Politische Ökonomie genoss Anfang des 19. Jahrhunderts in den gebildeten Kreisen Englands eine erstaunliche Popularität und David Ricardo, der am 11. September 1823 starb, war einer ihrer Stars. Sie war so angesagt, dass Jane Haldimand Marcet, in deren Londoner Salon er mit den Größen seiner Zeit verkehrte und die ein erfolgreiches populärwissenschaftliches Buch über Chemie veröffentlicht hatte, es für angebracht hielt, 1816 mit „Conversations on Political Economy“ eine Einführung in der Form eines Gesprächs zwischen zwei Damen folgen zu lassen. „Die Politische Ökonomie“, schrieb sie in einer späteren Auflage, „hat in den letzten paar Jahren eine starke Verbreitung gefunden. Außer der gefeierten Abhandlung von Adam Smith, der als der Vater dieser Wissenschaft betrachtet werden kann, ist inzwischen eine ganze Reihe exzellenter Arbeiten publiziert worden, so von Mr. Say, Mr. Ricardo, Mr. Malthus, Mr. Sismondi, Mr. Senior und anderen.“ Ricardo persönlich hatte ihr einige Hinweise zur zweiten Auflage gegeben, die sie aber in den Wind schlug. Nicht von ungefähr steht in ihrer Aufzählung Say an erster Stelle. Seine Produktionsfaktorentheorie schien ihr wohl einleuchtender als Ricardos Theorie. Dessen Überlegungen waren abstrakt und nicht sonderlich unterhaltsam. Er selbst soll über seine vor allem theoretisch-analytisch angelegte Arbeit gemeint haben, sie würde wohl von kaum mehr als 25 Leuten verstanden. Marcets abweichende Meinung war freilich kein Hinderungsgrund, die äußerst gebildete Frau in den 1821 von dem Wissenschaftlerkreis um Ricardo gegründeten exklusiven Political Economy Club aufzunehmen.
Der 1772 geborene Ricardo war als Börsenmakler steinreich geworden und hatte sich, aller pekuniärer Sorgen enthoben und angeregt durch die Lektüre von Smith, der ökonomischen Theorie zugewandt. In Marcets Salon traf er sich nicht nur mit seinen Freunden, den Ökonomen Thomas Malthus oder James Mill.
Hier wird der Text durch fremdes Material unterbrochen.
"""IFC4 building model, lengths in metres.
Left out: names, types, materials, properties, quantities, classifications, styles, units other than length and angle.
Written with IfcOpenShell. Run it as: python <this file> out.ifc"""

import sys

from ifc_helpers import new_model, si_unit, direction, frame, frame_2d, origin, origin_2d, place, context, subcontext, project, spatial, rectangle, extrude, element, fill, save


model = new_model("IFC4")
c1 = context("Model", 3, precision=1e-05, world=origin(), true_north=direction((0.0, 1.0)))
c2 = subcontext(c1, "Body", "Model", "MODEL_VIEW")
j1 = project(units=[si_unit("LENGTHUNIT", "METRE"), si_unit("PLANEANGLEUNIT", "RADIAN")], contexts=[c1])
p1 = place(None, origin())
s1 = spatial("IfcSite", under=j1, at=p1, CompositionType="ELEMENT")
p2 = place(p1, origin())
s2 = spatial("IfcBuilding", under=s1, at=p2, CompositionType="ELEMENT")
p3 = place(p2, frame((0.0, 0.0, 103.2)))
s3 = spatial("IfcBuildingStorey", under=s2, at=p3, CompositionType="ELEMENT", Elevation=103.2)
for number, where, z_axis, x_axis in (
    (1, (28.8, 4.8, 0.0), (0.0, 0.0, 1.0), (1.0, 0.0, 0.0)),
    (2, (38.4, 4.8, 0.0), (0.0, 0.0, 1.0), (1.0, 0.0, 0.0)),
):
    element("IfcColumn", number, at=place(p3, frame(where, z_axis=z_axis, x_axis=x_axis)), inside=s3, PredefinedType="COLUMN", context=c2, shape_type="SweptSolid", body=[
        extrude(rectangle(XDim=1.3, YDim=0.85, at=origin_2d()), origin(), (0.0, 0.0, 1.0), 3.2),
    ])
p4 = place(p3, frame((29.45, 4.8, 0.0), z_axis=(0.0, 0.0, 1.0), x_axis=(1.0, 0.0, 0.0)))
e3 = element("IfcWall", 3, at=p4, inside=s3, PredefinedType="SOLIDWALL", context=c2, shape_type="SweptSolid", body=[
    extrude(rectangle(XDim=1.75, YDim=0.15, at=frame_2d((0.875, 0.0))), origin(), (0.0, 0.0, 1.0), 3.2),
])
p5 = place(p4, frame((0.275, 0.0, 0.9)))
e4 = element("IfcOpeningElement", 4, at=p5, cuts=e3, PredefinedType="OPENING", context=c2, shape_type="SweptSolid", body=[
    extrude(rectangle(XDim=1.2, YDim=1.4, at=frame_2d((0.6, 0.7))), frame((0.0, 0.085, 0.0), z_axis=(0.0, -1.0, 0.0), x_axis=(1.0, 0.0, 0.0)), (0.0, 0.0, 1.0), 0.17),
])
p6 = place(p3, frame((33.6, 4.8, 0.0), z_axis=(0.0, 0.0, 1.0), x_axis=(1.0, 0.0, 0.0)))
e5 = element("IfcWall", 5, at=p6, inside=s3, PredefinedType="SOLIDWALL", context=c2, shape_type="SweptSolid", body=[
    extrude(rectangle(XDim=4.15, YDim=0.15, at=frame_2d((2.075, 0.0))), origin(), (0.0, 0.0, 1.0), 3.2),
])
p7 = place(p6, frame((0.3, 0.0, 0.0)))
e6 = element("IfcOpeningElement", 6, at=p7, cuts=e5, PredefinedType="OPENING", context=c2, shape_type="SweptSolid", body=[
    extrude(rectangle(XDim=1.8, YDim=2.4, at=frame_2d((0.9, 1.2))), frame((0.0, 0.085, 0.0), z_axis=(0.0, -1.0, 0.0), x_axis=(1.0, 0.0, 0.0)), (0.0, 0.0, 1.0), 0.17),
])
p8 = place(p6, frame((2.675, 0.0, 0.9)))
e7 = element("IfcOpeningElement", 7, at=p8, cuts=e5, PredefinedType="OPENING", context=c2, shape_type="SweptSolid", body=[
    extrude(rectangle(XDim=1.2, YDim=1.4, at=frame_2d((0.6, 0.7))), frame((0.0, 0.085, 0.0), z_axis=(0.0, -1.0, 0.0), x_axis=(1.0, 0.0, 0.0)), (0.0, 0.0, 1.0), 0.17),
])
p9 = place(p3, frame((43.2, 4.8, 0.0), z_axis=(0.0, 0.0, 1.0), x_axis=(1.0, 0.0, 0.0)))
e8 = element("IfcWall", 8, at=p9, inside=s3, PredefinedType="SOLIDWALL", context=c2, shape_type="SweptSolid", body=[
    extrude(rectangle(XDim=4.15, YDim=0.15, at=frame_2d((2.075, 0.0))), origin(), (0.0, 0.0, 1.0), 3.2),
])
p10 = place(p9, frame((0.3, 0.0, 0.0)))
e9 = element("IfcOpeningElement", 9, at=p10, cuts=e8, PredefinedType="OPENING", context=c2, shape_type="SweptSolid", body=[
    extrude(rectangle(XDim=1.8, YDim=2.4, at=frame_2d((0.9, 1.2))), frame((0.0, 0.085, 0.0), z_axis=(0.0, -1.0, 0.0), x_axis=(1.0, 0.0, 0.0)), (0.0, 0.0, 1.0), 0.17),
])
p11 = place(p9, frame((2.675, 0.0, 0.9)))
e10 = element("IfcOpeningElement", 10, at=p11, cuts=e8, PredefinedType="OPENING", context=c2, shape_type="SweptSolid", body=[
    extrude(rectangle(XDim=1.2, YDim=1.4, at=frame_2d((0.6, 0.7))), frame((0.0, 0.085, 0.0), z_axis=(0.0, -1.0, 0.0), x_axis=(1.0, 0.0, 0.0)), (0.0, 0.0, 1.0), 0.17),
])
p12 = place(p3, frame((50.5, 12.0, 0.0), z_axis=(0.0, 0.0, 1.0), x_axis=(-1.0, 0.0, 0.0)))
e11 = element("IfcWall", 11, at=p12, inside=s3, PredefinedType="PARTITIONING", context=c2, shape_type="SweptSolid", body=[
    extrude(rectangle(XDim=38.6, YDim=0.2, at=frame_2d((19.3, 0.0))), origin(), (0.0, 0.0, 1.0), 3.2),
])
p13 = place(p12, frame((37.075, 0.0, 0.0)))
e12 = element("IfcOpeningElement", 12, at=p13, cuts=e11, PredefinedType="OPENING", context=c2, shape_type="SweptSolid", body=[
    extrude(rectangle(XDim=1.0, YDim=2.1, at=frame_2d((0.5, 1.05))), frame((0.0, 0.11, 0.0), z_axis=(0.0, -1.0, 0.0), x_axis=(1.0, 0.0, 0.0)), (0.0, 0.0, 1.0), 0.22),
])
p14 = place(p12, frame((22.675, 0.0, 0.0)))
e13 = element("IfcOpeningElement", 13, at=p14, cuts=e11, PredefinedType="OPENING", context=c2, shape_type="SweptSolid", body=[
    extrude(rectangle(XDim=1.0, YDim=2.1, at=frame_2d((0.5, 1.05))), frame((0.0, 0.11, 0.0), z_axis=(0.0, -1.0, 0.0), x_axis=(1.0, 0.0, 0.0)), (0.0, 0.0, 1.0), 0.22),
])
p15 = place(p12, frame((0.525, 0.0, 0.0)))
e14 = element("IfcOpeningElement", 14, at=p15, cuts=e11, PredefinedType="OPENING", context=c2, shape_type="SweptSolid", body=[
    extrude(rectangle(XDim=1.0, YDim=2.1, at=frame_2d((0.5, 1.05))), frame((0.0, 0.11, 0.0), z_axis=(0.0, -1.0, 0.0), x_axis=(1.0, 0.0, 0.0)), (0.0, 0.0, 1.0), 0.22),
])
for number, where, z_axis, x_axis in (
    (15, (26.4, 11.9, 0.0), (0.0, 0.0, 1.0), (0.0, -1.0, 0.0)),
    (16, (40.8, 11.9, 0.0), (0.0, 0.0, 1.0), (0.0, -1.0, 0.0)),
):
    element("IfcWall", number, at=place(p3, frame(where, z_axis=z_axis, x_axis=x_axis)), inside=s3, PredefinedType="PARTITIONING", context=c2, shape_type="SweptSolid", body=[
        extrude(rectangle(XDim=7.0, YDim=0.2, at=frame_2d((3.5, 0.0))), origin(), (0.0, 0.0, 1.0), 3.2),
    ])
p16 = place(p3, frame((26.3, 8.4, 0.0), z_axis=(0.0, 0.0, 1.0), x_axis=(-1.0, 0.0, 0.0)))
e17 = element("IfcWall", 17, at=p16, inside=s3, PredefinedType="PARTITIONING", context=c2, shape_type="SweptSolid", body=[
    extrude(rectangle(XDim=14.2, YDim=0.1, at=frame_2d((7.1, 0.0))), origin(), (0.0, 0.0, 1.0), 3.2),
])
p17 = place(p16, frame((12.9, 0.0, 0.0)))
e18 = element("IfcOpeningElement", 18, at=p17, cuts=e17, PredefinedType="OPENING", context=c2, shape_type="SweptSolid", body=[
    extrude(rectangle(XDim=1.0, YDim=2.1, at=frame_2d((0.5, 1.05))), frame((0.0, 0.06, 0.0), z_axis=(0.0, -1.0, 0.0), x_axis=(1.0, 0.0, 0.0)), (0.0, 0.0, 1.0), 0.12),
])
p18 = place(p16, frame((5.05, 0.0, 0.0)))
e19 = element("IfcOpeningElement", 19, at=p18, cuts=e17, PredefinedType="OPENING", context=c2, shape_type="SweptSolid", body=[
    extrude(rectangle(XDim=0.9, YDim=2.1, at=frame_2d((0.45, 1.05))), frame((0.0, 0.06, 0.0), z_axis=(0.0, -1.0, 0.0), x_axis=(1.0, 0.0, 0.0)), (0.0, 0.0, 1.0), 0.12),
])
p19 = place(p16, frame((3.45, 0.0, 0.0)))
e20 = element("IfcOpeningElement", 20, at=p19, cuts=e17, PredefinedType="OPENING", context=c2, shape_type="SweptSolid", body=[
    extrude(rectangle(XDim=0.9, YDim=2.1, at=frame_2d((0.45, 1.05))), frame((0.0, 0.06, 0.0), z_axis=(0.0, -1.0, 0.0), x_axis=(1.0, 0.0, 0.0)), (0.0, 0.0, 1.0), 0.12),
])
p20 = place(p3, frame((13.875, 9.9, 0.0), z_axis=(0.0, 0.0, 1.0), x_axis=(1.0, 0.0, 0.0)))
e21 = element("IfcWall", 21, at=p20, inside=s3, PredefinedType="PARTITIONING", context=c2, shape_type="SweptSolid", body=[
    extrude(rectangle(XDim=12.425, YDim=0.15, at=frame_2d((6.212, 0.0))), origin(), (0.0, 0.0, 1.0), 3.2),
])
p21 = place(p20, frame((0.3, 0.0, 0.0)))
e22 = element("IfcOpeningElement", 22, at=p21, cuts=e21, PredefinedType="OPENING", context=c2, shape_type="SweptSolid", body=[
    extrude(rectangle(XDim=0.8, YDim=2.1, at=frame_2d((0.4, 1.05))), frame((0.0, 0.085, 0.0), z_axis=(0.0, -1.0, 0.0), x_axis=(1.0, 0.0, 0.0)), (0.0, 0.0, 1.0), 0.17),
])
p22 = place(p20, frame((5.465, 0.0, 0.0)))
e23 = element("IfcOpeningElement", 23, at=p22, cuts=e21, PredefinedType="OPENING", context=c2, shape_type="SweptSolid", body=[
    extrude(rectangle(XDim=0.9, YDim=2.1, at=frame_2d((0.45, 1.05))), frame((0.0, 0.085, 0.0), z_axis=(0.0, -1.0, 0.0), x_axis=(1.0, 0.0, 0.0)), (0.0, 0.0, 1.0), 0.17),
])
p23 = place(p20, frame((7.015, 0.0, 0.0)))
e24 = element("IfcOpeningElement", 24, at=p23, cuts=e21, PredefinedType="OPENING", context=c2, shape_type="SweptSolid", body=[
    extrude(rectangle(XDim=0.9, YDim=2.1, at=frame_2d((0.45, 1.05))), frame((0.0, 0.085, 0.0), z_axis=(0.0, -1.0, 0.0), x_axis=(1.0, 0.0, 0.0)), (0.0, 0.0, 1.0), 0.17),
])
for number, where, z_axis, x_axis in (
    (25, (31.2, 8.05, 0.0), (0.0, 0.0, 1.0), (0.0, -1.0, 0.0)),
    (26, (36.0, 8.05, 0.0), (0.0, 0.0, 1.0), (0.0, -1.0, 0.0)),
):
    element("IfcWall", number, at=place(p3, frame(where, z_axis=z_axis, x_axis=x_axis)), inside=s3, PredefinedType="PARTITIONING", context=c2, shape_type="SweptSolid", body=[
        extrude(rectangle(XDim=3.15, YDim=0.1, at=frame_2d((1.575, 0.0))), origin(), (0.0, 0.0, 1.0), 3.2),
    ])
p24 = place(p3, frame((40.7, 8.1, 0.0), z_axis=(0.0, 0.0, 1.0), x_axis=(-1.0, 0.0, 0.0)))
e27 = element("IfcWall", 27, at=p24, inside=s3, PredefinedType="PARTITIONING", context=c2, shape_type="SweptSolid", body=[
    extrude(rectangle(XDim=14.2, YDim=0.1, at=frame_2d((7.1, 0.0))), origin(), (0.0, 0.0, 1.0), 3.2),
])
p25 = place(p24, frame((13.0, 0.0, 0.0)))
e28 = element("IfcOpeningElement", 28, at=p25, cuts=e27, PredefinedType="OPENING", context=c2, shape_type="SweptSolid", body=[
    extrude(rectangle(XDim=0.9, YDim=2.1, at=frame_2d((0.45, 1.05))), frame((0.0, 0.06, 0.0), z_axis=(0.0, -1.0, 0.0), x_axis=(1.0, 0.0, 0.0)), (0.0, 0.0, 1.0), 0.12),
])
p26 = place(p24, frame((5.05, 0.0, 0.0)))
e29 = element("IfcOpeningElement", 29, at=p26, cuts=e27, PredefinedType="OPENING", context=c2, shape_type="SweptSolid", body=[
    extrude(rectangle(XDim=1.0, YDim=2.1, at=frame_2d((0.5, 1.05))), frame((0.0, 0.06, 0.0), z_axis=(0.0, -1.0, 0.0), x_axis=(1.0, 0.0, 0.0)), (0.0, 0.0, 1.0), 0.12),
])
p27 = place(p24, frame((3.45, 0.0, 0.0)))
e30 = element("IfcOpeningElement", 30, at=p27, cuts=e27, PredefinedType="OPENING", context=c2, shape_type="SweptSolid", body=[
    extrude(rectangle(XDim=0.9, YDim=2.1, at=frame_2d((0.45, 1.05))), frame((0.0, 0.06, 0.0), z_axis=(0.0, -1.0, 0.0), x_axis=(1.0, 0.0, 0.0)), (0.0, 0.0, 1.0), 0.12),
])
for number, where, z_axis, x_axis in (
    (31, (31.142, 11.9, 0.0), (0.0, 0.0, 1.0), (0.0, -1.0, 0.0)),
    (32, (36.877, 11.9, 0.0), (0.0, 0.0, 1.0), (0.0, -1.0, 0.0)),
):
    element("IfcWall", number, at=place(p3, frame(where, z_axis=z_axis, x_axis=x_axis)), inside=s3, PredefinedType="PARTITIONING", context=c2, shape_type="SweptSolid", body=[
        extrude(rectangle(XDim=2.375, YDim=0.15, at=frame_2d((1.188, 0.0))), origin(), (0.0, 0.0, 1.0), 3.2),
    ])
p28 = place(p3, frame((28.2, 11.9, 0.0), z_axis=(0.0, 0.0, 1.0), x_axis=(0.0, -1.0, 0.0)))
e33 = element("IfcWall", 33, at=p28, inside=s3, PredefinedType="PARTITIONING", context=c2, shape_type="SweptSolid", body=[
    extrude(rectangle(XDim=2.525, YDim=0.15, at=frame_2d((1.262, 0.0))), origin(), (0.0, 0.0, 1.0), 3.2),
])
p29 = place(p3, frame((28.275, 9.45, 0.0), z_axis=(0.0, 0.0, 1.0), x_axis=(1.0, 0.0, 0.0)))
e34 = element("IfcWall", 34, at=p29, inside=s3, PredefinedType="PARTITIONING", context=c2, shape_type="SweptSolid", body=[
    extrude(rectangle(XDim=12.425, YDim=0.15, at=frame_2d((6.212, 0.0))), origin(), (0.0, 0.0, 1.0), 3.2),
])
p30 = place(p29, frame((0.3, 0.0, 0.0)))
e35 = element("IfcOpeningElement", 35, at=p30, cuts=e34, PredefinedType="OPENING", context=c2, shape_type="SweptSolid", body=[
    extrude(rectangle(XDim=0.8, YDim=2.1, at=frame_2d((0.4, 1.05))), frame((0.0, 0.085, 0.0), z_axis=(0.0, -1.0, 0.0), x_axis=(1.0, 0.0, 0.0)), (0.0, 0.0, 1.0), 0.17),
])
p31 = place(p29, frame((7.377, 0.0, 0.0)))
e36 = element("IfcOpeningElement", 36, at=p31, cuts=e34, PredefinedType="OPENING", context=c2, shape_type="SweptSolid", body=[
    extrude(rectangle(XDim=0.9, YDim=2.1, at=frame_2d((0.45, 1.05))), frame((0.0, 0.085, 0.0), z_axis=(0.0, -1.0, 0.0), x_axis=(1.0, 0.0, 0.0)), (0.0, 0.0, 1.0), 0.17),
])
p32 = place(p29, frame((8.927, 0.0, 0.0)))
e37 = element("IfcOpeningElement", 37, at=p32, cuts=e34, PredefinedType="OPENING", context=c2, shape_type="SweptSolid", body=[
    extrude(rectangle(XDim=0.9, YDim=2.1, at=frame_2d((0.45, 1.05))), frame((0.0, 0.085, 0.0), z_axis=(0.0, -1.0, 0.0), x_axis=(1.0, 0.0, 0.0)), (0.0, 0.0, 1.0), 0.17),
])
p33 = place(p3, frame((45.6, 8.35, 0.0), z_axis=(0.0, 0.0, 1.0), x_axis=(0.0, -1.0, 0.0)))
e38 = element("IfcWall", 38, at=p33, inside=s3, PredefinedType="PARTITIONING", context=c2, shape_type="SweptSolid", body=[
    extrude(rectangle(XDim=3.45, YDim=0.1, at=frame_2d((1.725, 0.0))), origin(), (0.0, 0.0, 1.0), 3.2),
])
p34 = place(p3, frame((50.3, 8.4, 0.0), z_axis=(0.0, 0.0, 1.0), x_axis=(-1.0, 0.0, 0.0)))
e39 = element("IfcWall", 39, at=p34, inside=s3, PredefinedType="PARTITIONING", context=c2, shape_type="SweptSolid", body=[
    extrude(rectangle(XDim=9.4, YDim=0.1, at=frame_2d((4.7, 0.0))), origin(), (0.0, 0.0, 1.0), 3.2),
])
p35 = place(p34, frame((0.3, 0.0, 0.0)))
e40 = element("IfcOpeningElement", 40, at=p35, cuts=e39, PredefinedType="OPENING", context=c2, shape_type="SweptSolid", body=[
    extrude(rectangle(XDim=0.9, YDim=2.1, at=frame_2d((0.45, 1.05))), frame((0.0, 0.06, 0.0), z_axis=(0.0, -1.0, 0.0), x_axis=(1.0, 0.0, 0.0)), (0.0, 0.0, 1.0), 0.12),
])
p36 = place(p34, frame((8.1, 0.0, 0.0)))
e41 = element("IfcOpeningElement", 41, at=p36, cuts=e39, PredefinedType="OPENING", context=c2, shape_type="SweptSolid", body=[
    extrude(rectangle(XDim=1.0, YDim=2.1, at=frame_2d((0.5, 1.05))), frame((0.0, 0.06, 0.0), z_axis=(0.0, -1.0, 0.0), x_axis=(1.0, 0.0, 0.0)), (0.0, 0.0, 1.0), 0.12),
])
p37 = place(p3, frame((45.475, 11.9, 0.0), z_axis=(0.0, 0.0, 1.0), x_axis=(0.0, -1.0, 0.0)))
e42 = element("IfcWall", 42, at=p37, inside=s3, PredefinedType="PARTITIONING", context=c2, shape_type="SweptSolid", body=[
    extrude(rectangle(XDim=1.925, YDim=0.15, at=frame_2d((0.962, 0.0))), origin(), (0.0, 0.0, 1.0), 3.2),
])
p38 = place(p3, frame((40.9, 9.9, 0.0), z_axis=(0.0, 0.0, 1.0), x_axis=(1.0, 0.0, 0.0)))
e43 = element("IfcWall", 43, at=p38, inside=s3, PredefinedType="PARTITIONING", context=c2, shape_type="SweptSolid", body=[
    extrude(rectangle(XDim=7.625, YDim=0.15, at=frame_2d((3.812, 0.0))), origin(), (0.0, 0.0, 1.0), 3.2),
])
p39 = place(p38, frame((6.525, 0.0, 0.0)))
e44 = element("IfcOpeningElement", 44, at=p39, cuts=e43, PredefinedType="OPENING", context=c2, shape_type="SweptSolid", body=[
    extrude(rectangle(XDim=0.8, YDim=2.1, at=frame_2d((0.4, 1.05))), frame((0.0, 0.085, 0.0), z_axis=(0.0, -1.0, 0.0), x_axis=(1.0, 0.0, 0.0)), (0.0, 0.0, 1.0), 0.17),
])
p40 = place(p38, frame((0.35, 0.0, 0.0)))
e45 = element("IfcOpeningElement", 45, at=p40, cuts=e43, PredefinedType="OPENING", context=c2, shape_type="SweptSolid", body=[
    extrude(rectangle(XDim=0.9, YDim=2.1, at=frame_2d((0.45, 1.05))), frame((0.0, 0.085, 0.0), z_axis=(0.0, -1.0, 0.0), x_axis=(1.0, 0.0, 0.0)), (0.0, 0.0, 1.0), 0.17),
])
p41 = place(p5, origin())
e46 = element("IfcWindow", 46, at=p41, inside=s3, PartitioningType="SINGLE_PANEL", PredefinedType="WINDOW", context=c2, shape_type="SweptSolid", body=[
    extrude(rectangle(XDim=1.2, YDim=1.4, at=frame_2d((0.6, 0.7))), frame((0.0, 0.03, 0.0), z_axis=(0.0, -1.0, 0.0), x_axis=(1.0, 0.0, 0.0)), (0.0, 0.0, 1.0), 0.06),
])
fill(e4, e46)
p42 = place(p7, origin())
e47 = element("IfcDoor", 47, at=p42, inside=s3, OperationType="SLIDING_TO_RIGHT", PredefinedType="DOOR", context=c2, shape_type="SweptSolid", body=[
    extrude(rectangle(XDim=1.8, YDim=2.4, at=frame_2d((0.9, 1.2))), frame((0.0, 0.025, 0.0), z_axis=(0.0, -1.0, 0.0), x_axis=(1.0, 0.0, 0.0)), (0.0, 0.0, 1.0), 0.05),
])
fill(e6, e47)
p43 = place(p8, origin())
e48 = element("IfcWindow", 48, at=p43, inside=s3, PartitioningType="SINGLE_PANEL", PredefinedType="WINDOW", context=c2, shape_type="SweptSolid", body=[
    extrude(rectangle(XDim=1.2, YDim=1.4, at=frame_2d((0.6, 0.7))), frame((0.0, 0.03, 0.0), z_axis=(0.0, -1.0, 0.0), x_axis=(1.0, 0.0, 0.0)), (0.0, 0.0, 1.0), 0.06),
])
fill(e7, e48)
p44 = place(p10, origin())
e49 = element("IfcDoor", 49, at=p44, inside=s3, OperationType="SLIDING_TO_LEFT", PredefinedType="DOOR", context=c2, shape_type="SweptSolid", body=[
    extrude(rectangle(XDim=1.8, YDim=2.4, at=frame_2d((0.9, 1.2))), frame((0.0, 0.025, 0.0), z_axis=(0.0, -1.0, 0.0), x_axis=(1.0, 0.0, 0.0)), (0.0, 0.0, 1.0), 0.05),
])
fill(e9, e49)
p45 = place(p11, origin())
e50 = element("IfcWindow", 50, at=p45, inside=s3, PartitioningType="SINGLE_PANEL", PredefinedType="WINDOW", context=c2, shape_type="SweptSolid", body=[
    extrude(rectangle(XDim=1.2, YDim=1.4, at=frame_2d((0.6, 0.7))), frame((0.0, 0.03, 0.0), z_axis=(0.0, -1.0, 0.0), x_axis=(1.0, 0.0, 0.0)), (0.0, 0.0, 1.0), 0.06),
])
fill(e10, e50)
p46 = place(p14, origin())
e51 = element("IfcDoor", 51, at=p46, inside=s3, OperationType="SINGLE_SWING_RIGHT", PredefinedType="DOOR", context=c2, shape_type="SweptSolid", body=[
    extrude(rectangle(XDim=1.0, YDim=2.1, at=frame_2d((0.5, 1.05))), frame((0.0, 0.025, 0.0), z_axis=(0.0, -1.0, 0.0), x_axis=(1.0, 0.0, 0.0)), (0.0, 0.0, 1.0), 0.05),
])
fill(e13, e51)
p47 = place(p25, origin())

Der mit im Haus lebende Bruder Marcets, William Haldimand, war Direktor der Bank of England und Fragen der Geldtheorie und Geldpolitik waren selbstverständlich Gegenstände der Konversation. Fast versteht es sich von selbst, dass Ricardos Interesse zunächst auf Fragen der Geldzirkulation und der Besteuerung gerichtet war.
Er veröffentlichte darüber einige kleinere Arbeiten, aber sein Blick wurde zunehmend auf die Bestimmung des Werts von Waren überhaupt und schließlich zur Frage der Verteilung gelenkt. Im Vorwort seines 1817 veröffentlichten Hauptwerks „Über die Grundsätze der Politischen Ökonomie und der Besteuerung“ schrieb er: „Das Hauptproblem der Politischen Ökonomie besteht im Auffinden der Gesetze, welche diese Verteilung bestimmen.“ Die Verteilung von Lohn, Profit und Rente versucht er konsequent aus der Analyse der Produktion des Werts durch die Arbeit zu entwickeln. Obwohl er die damit zusammenhängenden Fragen nicht gänzlich zu lösen vermochte und sich in Widersprüche verwickelte, erreicht die klassische bürgerliche Ökonomie mit seiner Arbeitswert- und Verteilungstheorie ihren Höhepunkt.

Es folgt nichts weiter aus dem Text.